His writing reminds me of Federman’s
"Surfiction"
Sometimes we “wave” at each other
through email exchanges,
I sent a message about the Hopi sense of time,
and mentioned that Hopi prefer
verbs over nouns, "waving" over
"wave".
To the best of his understanding, Phil said, Hopi
see
continuances where others see the minute hand, or
a clock ticking.
He figured their sense of time is more like water
pouring, and
he said, he prefers being underway, or among,
instead of alone, or “ticking” boxes.
His Essay
on Legend, depicts Al Purdy,
and the second annual Purdy picnic at Al’s
A-Frame at
Roblin Lake near Ameliasburgh.
Al invited me, but I couldn’t make it.
While there Phil talked about Zukovsky’s “A.”
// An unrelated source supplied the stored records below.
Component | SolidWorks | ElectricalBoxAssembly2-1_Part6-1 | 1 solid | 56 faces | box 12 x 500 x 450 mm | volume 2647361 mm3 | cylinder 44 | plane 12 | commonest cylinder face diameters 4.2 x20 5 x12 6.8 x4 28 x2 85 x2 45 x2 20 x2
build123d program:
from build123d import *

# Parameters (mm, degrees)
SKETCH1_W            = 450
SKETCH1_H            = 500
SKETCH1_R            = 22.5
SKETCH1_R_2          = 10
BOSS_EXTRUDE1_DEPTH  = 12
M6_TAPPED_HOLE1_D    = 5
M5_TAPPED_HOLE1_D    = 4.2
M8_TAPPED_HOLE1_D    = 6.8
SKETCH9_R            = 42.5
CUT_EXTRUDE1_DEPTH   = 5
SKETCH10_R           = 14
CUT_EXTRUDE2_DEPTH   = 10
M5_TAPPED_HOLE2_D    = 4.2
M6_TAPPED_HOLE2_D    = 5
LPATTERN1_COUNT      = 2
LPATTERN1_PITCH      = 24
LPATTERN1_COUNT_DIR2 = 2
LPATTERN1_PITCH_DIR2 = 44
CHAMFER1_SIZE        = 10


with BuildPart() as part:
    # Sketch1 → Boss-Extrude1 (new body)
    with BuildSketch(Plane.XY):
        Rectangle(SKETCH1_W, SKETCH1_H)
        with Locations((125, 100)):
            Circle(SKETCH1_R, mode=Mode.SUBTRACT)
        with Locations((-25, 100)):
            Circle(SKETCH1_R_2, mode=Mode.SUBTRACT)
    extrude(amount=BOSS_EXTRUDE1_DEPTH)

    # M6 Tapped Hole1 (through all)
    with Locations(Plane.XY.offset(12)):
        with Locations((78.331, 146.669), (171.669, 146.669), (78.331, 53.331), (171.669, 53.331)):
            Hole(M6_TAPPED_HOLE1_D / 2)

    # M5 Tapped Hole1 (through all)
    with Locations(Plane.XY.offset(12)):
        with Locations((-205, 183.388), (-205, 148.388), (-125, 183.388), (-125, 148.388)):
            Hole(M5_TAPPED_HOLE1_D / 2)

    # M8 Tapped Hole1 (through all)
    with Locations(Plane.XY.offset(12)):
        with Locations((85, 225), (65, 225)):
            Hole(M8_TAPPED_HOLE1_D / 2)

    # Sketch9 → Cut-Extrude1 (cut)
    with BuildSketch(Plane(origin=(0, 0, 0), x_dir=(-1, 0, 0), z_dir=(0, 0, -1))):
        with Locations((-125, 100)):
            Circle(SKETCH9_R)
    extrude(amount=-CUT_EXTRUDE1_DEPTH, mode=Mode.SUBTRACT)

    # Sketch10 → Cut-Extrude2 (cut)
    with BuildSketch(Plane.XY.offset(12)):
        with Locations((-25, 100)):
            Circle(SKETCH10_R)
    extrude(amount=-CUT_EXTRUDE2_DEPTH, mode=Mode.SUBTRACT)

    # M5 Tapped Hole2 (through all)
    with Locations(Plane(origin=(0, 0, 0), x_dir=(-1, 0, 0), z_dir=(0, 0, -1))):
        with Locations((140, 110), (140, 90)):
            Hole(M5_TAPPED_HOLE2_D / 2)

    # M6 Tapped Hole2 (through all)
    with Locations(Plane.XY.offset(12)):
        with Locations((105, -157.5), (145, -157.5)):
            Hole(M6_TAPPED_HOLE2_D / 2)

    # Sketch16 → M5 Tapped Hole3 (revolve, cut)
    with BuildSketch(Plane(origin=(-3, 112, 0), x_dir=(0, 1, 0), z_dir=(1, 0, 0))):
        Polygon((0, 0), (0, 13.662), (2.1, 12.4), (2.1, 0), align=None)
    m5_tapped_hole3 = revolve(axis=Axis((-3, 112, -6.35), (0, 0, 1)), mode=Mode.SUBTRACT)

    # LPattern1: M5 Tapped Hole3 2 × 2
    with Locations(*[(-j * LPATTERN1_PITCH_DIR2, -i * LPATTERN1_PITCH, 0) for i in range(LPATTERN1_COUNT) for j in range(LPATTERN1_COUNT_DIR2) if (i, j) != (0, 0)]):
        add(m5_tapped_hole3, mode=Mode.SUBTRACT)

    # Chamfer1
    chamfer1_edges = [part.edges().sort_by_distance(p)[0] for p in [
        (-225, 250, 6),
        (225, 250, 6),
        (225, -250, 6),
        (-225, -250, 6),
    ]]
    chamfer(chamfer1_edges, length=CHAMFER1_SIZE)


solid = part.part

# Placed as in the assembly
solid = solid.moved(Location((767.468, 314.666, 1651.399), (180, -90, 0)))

He said, Al wrote inside an A near a town
starting with A.
And Phil wondered if Al ever read Z’s A?
I thought of objectivism, self-reflexivity,
narrative disjunction,
sounds, syntax,
lexical fragmentation,
repetition.
I thought of ruptured
lines pouring
outside of convention
& speech patterns.
I thought of Phil’s (s)light-of-hand,
how one assembles sur-poetic, or sur-rural
juxtapositional strategies that realign, maybe
malign lingo.
Phil mentioned McNamara and
how M never said,
“Kid, go back to
Bobcaygeon & work in the bank,
these poems you've written are painfully awful.”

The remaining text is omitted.